Devant une salle d'audience pleine, l'avocat de Jean-Philippe Bryk est revenu sur la lente et longue dérive de son client. M. Bryk, qui se définit comme un "joueur pathologique" était devenu entre mars 1995 et octobre 2003 un habitué des salles du "Grand Café".
"Hormis sa maladie, personne ne l'a forcé à venir au casino du Grand Café", raconte l'avocat. "Il a sa part de responsabilité et il l'assume, mais assumez la votre", a-t-il lancé. Et de pointer "la négligence et la malice" du personnel du casino, notamment "les membres du comité directeur", qui lorsque Jean-Philippe Bryk, rendu agressif par les pertes accumulées, brise à deux reprises des machines à sous, ne le reconduisent pas à la porte de l'établissement.
L'avocat s'étonne encore que lorsqu'en mars et avril 2003, Bryk signe 123 chèques pour 61.000 euros, ils sont encaissés alors que visiblement il est "malade, à la rue, accro".
Me Portejoie rappelle que les six derniers mois de mars à octobre 2003, "tous les deux jours, Bryk, sa compagne, ses deux enfants et ses amis sont invités à dîner par le groupe Partouche.
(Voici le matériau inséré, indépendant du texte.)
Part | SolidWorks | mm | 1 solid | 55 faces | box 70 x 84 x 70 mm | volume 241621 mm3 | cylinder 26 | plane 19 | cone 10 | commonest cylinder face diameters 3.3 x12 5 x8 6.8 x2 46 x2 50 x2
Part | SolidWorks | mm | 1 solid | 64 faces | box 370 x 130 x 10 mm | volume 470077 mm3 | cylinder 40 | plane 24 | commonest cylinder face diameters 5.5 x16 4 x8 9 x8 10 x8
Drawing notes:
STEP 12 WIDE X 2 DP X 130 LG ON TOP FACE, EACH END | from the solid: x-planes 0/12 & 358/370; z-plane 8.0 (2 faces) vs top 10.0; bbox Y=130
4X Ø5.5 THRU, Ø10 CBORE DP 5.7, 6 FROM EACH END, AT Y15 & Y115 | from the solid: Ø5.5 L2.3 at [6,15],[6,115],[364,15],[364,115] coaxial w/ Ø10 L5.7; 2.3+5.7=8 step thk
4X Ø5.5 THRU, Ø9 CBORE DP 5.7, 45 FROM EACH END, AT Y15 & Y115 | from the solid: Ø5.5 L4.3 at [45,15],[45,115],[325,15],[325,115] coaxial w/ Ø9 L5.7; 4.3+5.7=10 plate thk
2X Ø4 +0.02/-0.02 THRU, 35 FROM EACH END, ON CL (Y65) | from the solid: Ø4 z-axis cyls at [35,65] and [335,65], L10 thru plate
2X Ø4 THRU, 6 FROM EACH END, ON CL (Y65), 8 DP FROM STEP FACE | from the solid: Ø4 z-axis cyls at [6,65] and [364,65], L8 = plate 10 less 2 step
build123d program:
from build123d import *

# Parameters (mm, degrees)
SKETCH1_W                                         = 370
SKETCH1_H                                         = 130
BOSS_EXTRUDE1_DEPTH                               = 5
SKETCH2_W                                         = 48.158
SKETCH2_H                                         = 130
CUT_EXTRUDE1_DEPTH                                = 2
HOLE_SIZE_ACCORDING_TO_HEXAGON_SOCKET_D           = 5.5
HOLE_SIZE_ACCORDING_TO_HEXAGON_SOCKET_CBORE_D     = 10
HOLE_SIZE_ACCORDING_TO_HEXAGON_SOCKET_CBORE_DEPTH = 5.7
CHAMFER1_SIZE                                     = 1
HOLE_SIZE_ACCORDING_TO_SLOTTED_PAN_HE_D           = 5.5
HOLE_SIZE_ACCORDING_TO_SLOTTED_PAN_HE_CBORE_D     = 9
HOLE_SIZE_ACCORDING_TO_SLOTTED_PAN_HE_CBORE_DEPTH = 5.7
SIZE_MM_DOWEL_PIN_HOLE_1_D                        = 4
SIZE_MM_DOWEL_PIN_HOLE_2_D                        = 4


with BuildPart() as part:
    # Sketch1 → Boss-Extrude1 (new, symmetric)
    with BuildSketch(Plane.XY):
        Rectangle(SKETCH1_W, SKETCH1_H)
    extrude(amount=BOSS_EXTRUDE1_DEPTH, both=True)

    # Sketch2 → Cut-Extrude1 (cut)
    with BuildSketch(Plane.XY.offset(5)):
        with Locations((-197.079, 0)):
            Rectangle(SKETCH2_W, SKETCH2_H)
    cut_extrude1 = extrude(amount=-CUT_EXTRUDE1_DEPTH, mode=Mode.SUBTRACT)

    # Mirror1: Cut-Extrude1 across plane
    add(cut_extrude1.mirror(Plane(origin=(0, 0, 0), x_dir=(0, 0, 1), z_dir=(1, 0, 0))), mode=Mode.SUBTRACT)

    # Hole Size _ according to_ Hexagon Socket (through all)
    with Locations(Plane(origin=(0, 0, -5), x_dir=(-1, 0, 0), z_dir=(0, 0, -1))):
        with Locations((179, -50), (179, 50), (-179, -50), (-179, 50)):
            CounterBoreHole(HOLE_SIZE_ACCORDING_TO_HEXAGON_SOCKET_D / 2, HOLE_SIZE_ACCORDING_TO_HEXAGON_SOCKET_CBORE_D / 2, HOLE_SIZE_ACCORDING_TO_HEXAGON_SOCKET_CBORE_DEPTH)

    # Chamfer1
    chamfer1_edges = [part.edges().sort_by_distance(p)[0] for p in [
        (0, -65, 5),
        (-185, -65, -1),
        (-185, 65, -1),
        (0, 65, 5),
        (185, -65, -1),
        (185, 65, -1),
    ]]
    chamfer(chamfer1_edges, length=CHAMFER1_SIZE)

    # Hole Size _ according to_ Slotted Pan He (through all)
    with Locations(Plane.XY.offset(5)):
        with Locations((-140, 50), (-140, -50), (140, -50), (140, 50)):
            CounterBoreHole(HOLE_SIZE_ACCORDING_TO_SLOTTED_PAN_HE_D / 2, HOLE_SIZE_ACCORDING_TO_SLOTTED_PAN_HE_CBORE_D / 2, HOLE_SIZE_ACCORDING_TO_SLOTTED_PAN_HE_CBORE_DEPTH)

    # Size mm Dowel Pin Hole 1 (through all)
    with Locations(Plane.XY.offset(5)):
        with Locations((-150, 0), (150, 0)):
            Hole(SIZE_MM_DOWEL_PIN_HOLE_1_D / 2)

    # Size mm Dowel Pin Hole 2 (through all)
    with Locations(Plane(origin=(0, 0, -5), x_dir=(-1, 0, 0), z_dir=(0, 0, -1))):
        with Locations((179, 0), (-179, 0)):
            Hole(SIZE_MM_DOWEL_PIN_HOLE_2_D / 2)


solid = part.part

Pourquoi? Parce que sa compagne, dans les 19h-20h, essaie de le faire rentrer à la maison. Et ainsi, après-dîner, Bryk reste jusqu'à la fermeture du casino. Cette façon de se comporter est fautive, est pitoyable".
L'avocat comparera l'attitude du casinotier avec "le limonadier, le cafetier et le patron de boite de nuit qui laissent partir le client ivre à 2h du matin au volant de sa voiture".
Me Jan-Jack Sebag, avocat du groupe Partouche, objecte qu'il "est interdit aux casinos d'interdire l'accès de leur établissement si le client n'est pas inscrit sur une liste délivrée par le ministère de l'Intérieur. M. Bryk n'utilise pas cette possibilité. Vous la dénigrez même dans la presse, car vous ne la jugez pas efficace. Or c'est faux. Si le gain est supérieur à 1.500 euros, le joueur est payé par chèque et doit décliner au casino son identité. Il est donc repérable physiquement".
Me Sebag revient sur la réglementation en cours: "Pour se faire interdire de casino, il suffit de faire une lettre au service 'course et jeux' présent dans tous les casinos, et l'interdiction reste valable cinq ans, et ne peut être levée qu'à expiration du délai".
Pour le conseil du groupe Partouche, "rien dans le droit français ni dans la philosophie de la société française ne justifie l'action que M. Bryk a engagé. Sinon, que les casinos soient interdits. Mais on n'aura pas réglé le problème, car les joueurs joueront tout de même, mais pas dans un cadre protecteur et réglementé".
Des propos contestés par Jean-Philippe Bryk, qui à l'issue de l'audience, a réclamé des garde-fous pour protéger les "joueurs pathologiques" comme lui.
"Aujourd'hui, on nous dit qu'à partir de 1.500 euros de gain on doit décliner son identité, mais si on est interdit de jeu, il suffit de demander à un copain qui nous accompagne d'encaisser pour soi les gains contre 10% pour lui. Cette interdiction, c'est du baratin. Les casinos ne sont pas propres", dit-il. AP
(source : yahoo.com/lad/cre/ll)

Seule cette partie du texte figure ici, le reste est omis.